Rabobank’s global strategist Michael Every expects the Bank of Canada (BoC) to leave its policy rate unchanged at 2.25%, matching Bloomberg consensus and market pricing. The decision comes as inflation pressures linked to Hormuz persist, while uncertainty remains elevated around the United States-Mexico-Canada Agreement (USMCA) and US tariffs.
Those trade-related headwinds are weighing on Canadian business investment and consumer confidence, with uncertainty expected to endure even if the agreement is temporarily extended. The economy is described as fragile, with weak investment and a trade drag pointing towards a technical recession.
Bank of Canada Policy Outlook and Canadian Dollar Implications
We see the Bank of Canada holding its policy rate at 2.25% this month. After a series of rate cuts over the past two years, the central bank appears hesitant to move further amid conflicting economic signals. With GDP growth in the first quarter of 2026 coming in at a tepid 1.1% annualized, the bank is clearly in a wait-and-see mode.
This cautious stance from the Bank of Canada suggests weakness for the Canadian dollar. We anticipate the USD/CAD exchange rate will test higher levels, especially as the pair has already risen over 1.5% in the last month. We are looking at buying USD/CAD call options to position for a continued move upwards towards the 1.3800 level seen earlier this year.
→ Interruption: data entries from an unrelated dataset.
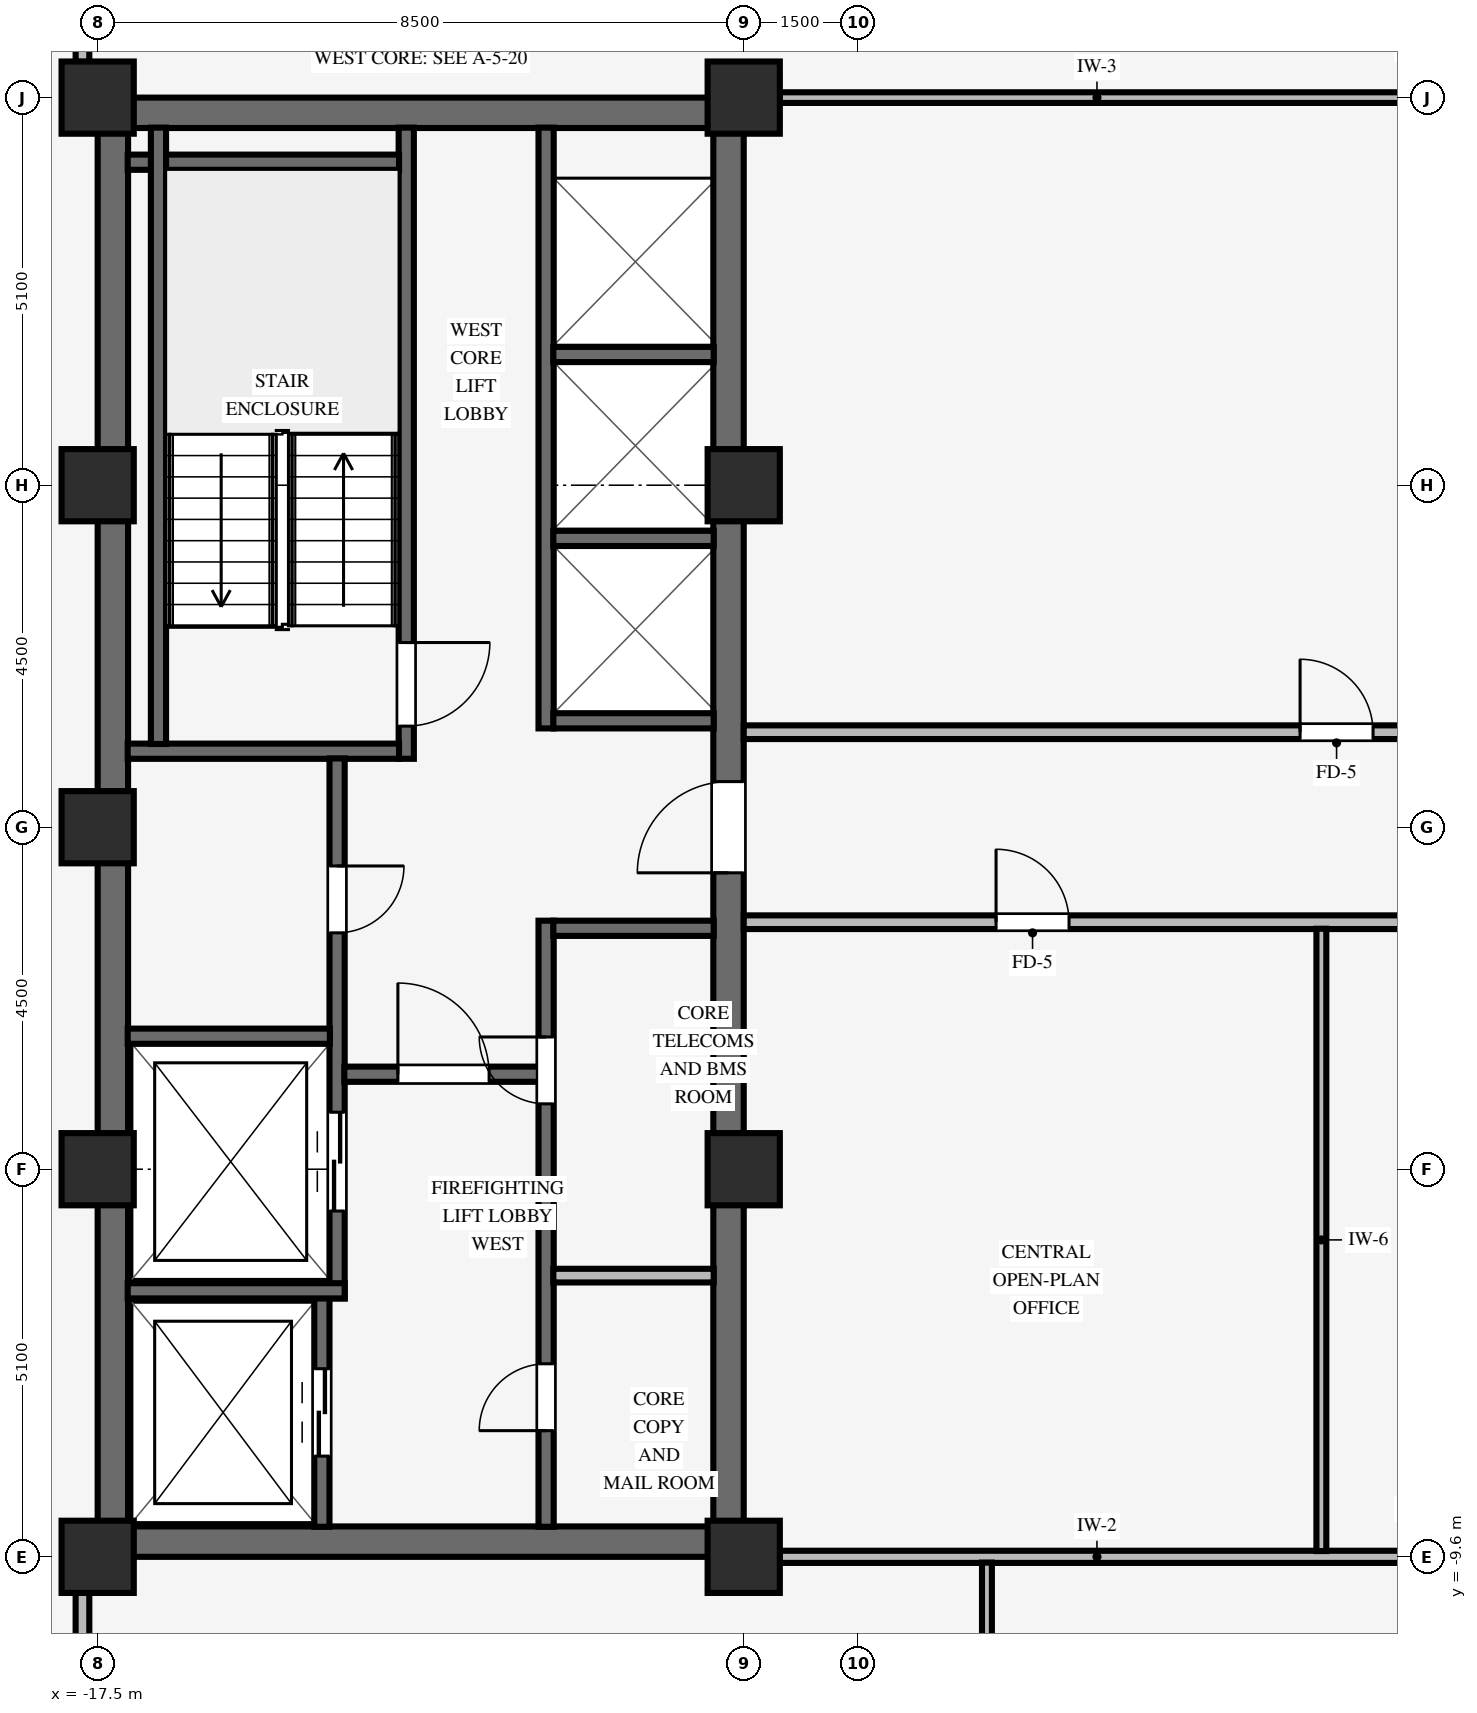
"""IFC4 building model, lengths in metres.
Left out: names, types, materials, properties, quantities, classifications, styles, units other than length and angle.
Written with IfcOpenShell. Run it as: python <this file> out.ifc"""

import sys

from ifc_helpers import new_model, si_unit, direction, frame, frame_2d, origin, origin_2d, place, context, subcontext, project, spatial, rectangle, extrude, source, transform, mapped, element, fill, save


model = new_model("IFC4")
c1 = context("Model", 3, precision=1e-05, world=origin(), true_north=direction((0.0, 1.0)))
c2 = subcontext(c1, "Body", "Model", "MODEL_VIEW")
j1 = project(units=[si_unit("LENGTHUNIT", "METRE"), si_unit("PLANEANGLEUNIT", "RADIAN")], contexts=[c1])
p1 = place(None, origin())
s1 = spatial("IfcSite", under=j1, at=p1, CompositionType="ELEMENT")
p2 = place(p1, origin())
s2 = spatial("IfcBuilding", under=s1, at=p2, CompositionType="ELEMENT")
p3 = place(p2, frame((0.0, 0.0, 153.05)))
s3 = spatial("IfcBuildingStorey", under=s2, at=p3, CompositionType="ELEMENT", Elevation=153.05)
for number, where, z_axis, x_axis in (
    (1, (-17.5, -9.4, 0.0), (0.0, 0.0, 1.0), (1.0, 0.0, 0.0)),
    (2, (-17.5, 9.4, 0.0), (0.0, 0.0, 1.0), (1.0, 0.0, 0.0)),
):
    element("IfcWall", number, at=place(p3, frame(where, z_axis=z_axis, x_axis=x_axis)), inside=s3, PredefinedType="SHEAR", context=c2, shape_type="SweptSolid", body=[
        extrude(rectangle(XDim=8.5, YDim=0.4, at=frame_2d((4.25, 0.0))), origin(), (0.0, 0.0, 1.0), 3.37),
    ])
p4 = place(p3, frame((-17.3, -9.205, 0.0), z_axis=(0.0, 0.0, 1.0), x_axis=(0.0, 1.0, 0.0)))
e3 = element("IfcWall", 3, at=p4, inside=s3, PredefinedType="SHEAR", context=c2, shape_type="SweptSolid", body=[
    extrude(rectangle(XDim=18.41, YDim=0.4, at=frame_2d((9.205, 0.0))), origin(), (0.0, 0.0, 1.0), 3.37),
])
p5 = place(p3, frame((-9.2, -9.205, 0.0), z_axis=(0.0, 0.0, 1.0), x_axis=(0.0, 1.0, 0.0)))
e4 = element("IfcWall", 4, at=p5, inside=s3, PredefinedType="SHEAR", context=c2, shape_type="SweptSolid", body=[
    extrude(rectangle(XDim=18.41, YDim=0.4, at=frame_2d((9.205, 0.0))), origin(), (0.0, 0.0, 1.0), 3.37),
])
p6 = place(p5, frame((8.605, 0.0, 0.0)))
e5 = element("IfcOpeningElement", 5, at=p6, cuts=e4, PredefinedType="OPENING", context=c2, shape_type="SweptSolid", body=[
    extrude(rectangle(XDim=1.2, YDim=2.15, at=frame_2d((0.6, 1.075))), frame((0.0, 0.21, 0.0), z_axis=(0.0, -1.0, 0.0), x_axis=(1.0, 0.0, 0.0)), (0.0, 0.0, 1.0), 0.42),
])
for number, where, z_axis, x_axis in (
    (6, (-17.5, -9.6, 0.0), (0.0, 0.0, 1.0), (1.0, 0.0, 0.0)),
    (7, (-17.5, -4.5, 0.0), (0.0, 0.0, 1.0), (1.0, 0.0, 0.0)),
    (8, (-17.5, 4.5, 0.0), (0.0, 0.0, 1.0), (1.0, 0.0, 0.0)),
    (9, (-17.5, 9.6, 0.0), (0.0, 0.0, 1.0), (1.0, 0.0, 0.0)),
    (10, (-9.0, -9.6, 0.0), (0.0, 0.0, 1.0), (1.0, 0.0, 0.0)),
    (11, (-9.0, -4.5, 0.0), (0.0, 0.0, 1.0), (1.0, 0.0, 0.0)),
    (12, (-9.0, 4.5, 0.0), (0.0, 0.0, 1.0), (1.0, 0.0, 0.0)),
    (13, (-9.0, 9.6, 0.0), (0.0, 0.0, 1.0), (1.0, 0.0, 0.0)),
    (14, (-17.5, 0.0, 0.0), (0.0, 0.0, 1.0), (1.0, 0.0, 0.0)),
):
    element("IfcColumn", number, at=place(p3, frame(where, z_axis=z_axis, x_axis=x_axis)), inside=s3, PredefinedType="COLUMN", context=c2, shape_type="SweptSolid", body=[
        extrude(rectangle(XDim=0.95, YDim=0.95, at=origin_2d()), origin(), (0.0, 0.0, 1.0), 3.37),
    ])
p7 = place(p3, frame((-13.44, 0.9, 0.0), z_axis=(0.0, 0.0, 1.0), x_axis=(0.0, 1.0, 0.0)))
e15 = element("IfcWall", 15, at=p7, inside=s3, PredefinedType="SHEAR", context=c2, shape_type="SweptSolid", body=[
    extrude(rectangle(XDim=8.305, YDim=0.2, at=frame_2d((4.153, 0.0))), origin(), (0.0, 0.0, 1.0), 3.37),
])
p8 = place(p7, frame((1.53, 0.0, 0.0), z_axis=(0.0, 0.0, 1.0), x_axis=(-1.0, 0.0, 0.0)))
e16 = element("IfcOpeningElement", 16, at=p8, cuts=e15, PredefinedType="OPENING", context=c2, shape_type="SweptSolid", body=[
    extrude(rectangle(XDim=1.1, YDim=2.15, at=frame_2d((0.55, 1.075))), frame((0.0, 0.11, 0.0), z_axis=(0.0, -1.0, 0.0), x_axis=(1.0, 0.0, 0.0)), (0.0, 0.0, 1.0), 0.22),
])
for number, where, z_axis, x_axis in (
    (17, (-17.105, 1.0, 0.0), (0.0, 0.0, 1.0), (1.0, 0.0, 0.0)),
    (18, (-17.105, 8.75, 0.0), (0.0, 0.0, 1.0), (1.0, 0.0, 0.0)),
):
    element("IfcWall", number, at=place(p3, frame(where, z_axis=z_axis, x_axis=x_axis)), inside=s3, PredefinedType="SHEAR", context=c2, shape_type="SweptSolid", body=[
        extrude(rectangle(XDim=3.57, YDim=0.2, at=frame_2d((1.785, 0.0))), origin(), (0.0, 0.0, 1.0), 3.37),
    ])
p9 = place(p3, frame((-16.7, 1.095, 0.0), z_axis=(0.0, 0.0, 1.0), x_axis=(0.0, 1.0, 0.0)))
e19 = element("IfcWall", 19, at=p9, inside=s3, PredefinedType="SHEAR", context=c2, shape_type="SweptSolid", body=[
    extrude(rectangle(XDim=8.11, YDim=0.2, at=frame_2d((4.055, 0.0))), origin(), (0.0, 0.0, 1.0), 3.37),
])
p10 = place(p3, frame((-14.55, -9.205, 0.0), z_axis=(0.0, 0.0, 1.0), x_axis=(0.0, 1.0, 0.0)))
e20 = element("IfcWall", 20, at=p10, inside=s3, PredefinedType="SHEAR", context=c2, shape_type="SweptSolid", body=[
    extrude(rectangle(XDim=3.01, YDim=0.2, at=frame_2d((1.505, 0.0))), origin(), (0.0, 0.0, 1.0), 3.37),
])
p11 = place(p10, frame((0.93, 0.0, 0.0)))
e21 = element("IfcOpeningElement", 21, at=p11, cuts=e20, PredefinedType="OPENING", context=c2, shape_type="SweptSolid", body=[
    extrude(rectangle(XDim=1.15, YDim=2.15, at=frame_2d((0.575, 1.075))), frame((0.0, 0.11, 0.0), z_axis=(0.0, -1.0, 0.0), x_axis=(1.0, 0.0, 0.0)), (0.0, 0.0, 1.0), 0.22),
])
p12 = place(p3, frame((-14.35, -6.2, 0.0), z_axis=(0.0, 0.0, 1.0), x_axis=(0.0, 1.0, 0.0)))
e22 = element("IfcWall", 22, at=p12, inside=s3, PredefinedType="SHEAR", context=c2, shape_type="SweptSolid", body=[
    extrude(rectangle(XDim=7.105, YDim=0.2, at=frame_2d((3.552, 0.0))), origin(), (0.0, 0.0, 1.0), 3.37),
])
p13 = place(p12, frame((5.69, 0.0, 0.0), z_axis=(0.0, 0.0, 1.0), x_axis=(-1.0, 0.0, 0.0)))
e23 = element("IfcOpeningElement", 23, at=p13, cuts=e22, PredefinedType="OPENING", context=c2, shape_type="SweptSolid", body=[
    extrude(rectangle(XDim=0.88, YDim=2.1, at=frame_2d((0.44, 1.05))), frame((0.0, 0.11, 0.0), z_axis=(0.0, -1.0, 0.0), x_axis=(1.0, 0.0, 0.0)), (0.0, 0.0, 1.0), 0.22),
])
p14 = place(p12, frame((1.15, 0.0, 0.0)))
e24 = element("IfcOpeningElement", 24, at=p14, cuts=e22, PredefinedType="OPENING", context=c2, shape_type="SweptSolid", body=[
    extrude(rectangle(XDim=1.3, YDim=2.2, at=frame_2d((0.65, 1.1))), frame((0.0, 0.11, 0.0), z_axis=(0.0, -1.0, 0.0), x_axis=(1.0, 0.0, 0.0)), (0.0, 0.0, 1.0), 0.22),
])
p15 = place(p3, frame((-17.105, -6.1, 0.0), z_axis=(0.0, 0.0, 1.0), x_axis=(1.0, 0.0, 0.0)))
e25 = element("IfcWall", 25, at=p15, inside=s3, PredefinedType="SHEAR", context=c2, shape_type="SweptSolid", body=[
    extrude(rectangle(XDim=2.855, YDim=0.2, at=frame_2d((1.427, 0.0))), origin(), (0.0, 0.0, 1.0), 3.37),
])
p16 = place(p3, frame((-17.105, -2.75, 0.0), z_axis=(0.0, 0.0, 1.0), x_axis=(1.0, 0.0, 0.0)))
e26 = element("IfcWall", 26, at=p16, inside=s3, PredefinedType="SHEAR", context=c2, shape_type="SweptSolid", body=[
    extrude(rectangle(XDim=2.66, YDim=0.2, at=frame_2d((1.33, 0.0))), origin(), (0.0, 0.0, 1.0), 3.37),
])
p17 = place(p3, frame((-11.6, -9.205, 0.0), z_axis=(0.0, 0.0, 1.0), x_axis=(0.0, 1.0, 0.0)))
e27 = element("IfcWall", 27, at=p17, inside=s3, PredefinedType="SHEAR", context=c2, shape_type="SweptSolid", body=[
    extrude(rectangle(XDim=7.975, YDim=0.2, at=frame_2d((3.988, 0.0))), origin(), (0.0, 0.0, 1.0), 3.37),
])
p18 = place(p17, frame((1.265, 0.0, 0.0)))
e28 = element("IfcOpeningElement", 28, at=p18, cuts=e27, PredefinedType="OPENING", context=c2, shape_type="SweptSolid", body=[
    extrude(rectangle(XDim=0.88, YDim=2.1, at=frame_2d((0.44, 1.05))), frame((0.0, 0.11, 0.0), z_axis=(0.0, -1.0, 0.0), x_axis=(1.0, 0.0, 0.0)), (0.0, 0.0, 1.0), 0.22),
])
p19 = place(p17, frame((5.565, 0.0, 0.0)))
e29 = element("IfcOpeningElement", 29, at=p19, cuts=e27, PredefinedType="OPENING", context=c2, shape_type="SweptSolid", body=[
    extrude(rectangle(XDim=0.88, YDim=2.1, at=frame_2d((0.44, 1.05))), frame((0.0, 0.11, 0.0), z_axis=(0.0, -1.0, 0.0), x_axis=(1.0, 0.0, 0.0)), (0.0, 0.0, 1.0), 0.22),
])
p20 = place(p3, frame((-14.255, -3.25, 0.0), z_axis=(0.0, 0.0, 1.0), x_axis=(1.0, 0.0, 0.0)))
e30 = element("IfcWall", 30, at=p20, inside=s3, PredefinedType="SHEAR", context=c2, shape_type="SweptSolid", body=[
    extrude(rectangle(XDim=2.56, YDim=0.2, at=frame_2d((1.28, 0.0))), origin(), (0.0, 0.0, 1.0), 3.37),
])
p21 = place(p20, frame((0.705, 0.0, 0.0)))
e31 = element("IfcOpeningElement", 31, at=p21, cuts=e30, PredefinedType="OPENING", context=c2, shape_type="SweptSolid", body=[
    extrude(rectangle(XDim=1.2, YDim=2.15, at=frame_2d((0.6, 1.075))), frame((0.0, 0.11, 0.0), z_axis=(0.0, -1.0, 0.0), x_axis=(1.0, 0.0, 0.0)), (0.0, 0.0, 1.0), 0.22),
])
p22 = place(p3, frame((-11.505, -1.33, 0.0), z_axis=(0.0, 0.0, 1.0), x_axis=(1.0, 0.0, 0.0)))
e32 = element("IfcWall", 32, at=p22, inside=s3, PredefinedType="SHEAR", context=c2, shape_type="SweptSolid", body=[
    extrude(rectangle(XDim=2.11, YDim=0.2, at=frame_2d((1.055, 0.0))), origin(), (0.0, 0.0, 1.0), 3.37),
])
p23 = place(p3, frame((-11.505, -5.9, 0.0), z_axis=(0.0, 0.0, 1.0), x_axis=(1.0, 0.0, 0.0)))
e33 = element("IfcWall", 33, at=p23, inside=s3, PredefinedType="PARTITIONING", context=c2, shape_type="SweptSolid", body=[
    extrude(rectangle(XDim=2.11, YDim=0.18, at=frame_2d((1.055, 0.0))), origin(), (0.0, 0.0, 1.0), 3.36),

Investment Strategy and Trade Risks
The Canadian economy looks fragile, with business investment declining for three straight quarters, pointing towards a potential technical recession. This weakness makes future interest rate hikes highly unlikely, despite recent inflationary pressures from oil prices, with Brent crude futures up 6% since early May. We are therefore considering trades that bet on rates staying low, such as selling out-of-the-money calls on three-month Canadian Bankers’ Acceptance futures (BAX).
Major uncertainty looms with the upcoming formal review of the USMCA trade agreement scheduled for this summer. Given the political climate, this event could trigger significant volatility in Canadian assets. Buying options to profit from a potential sharp move in the Canadian dollar, regardless of direction, could be a prudent strategy.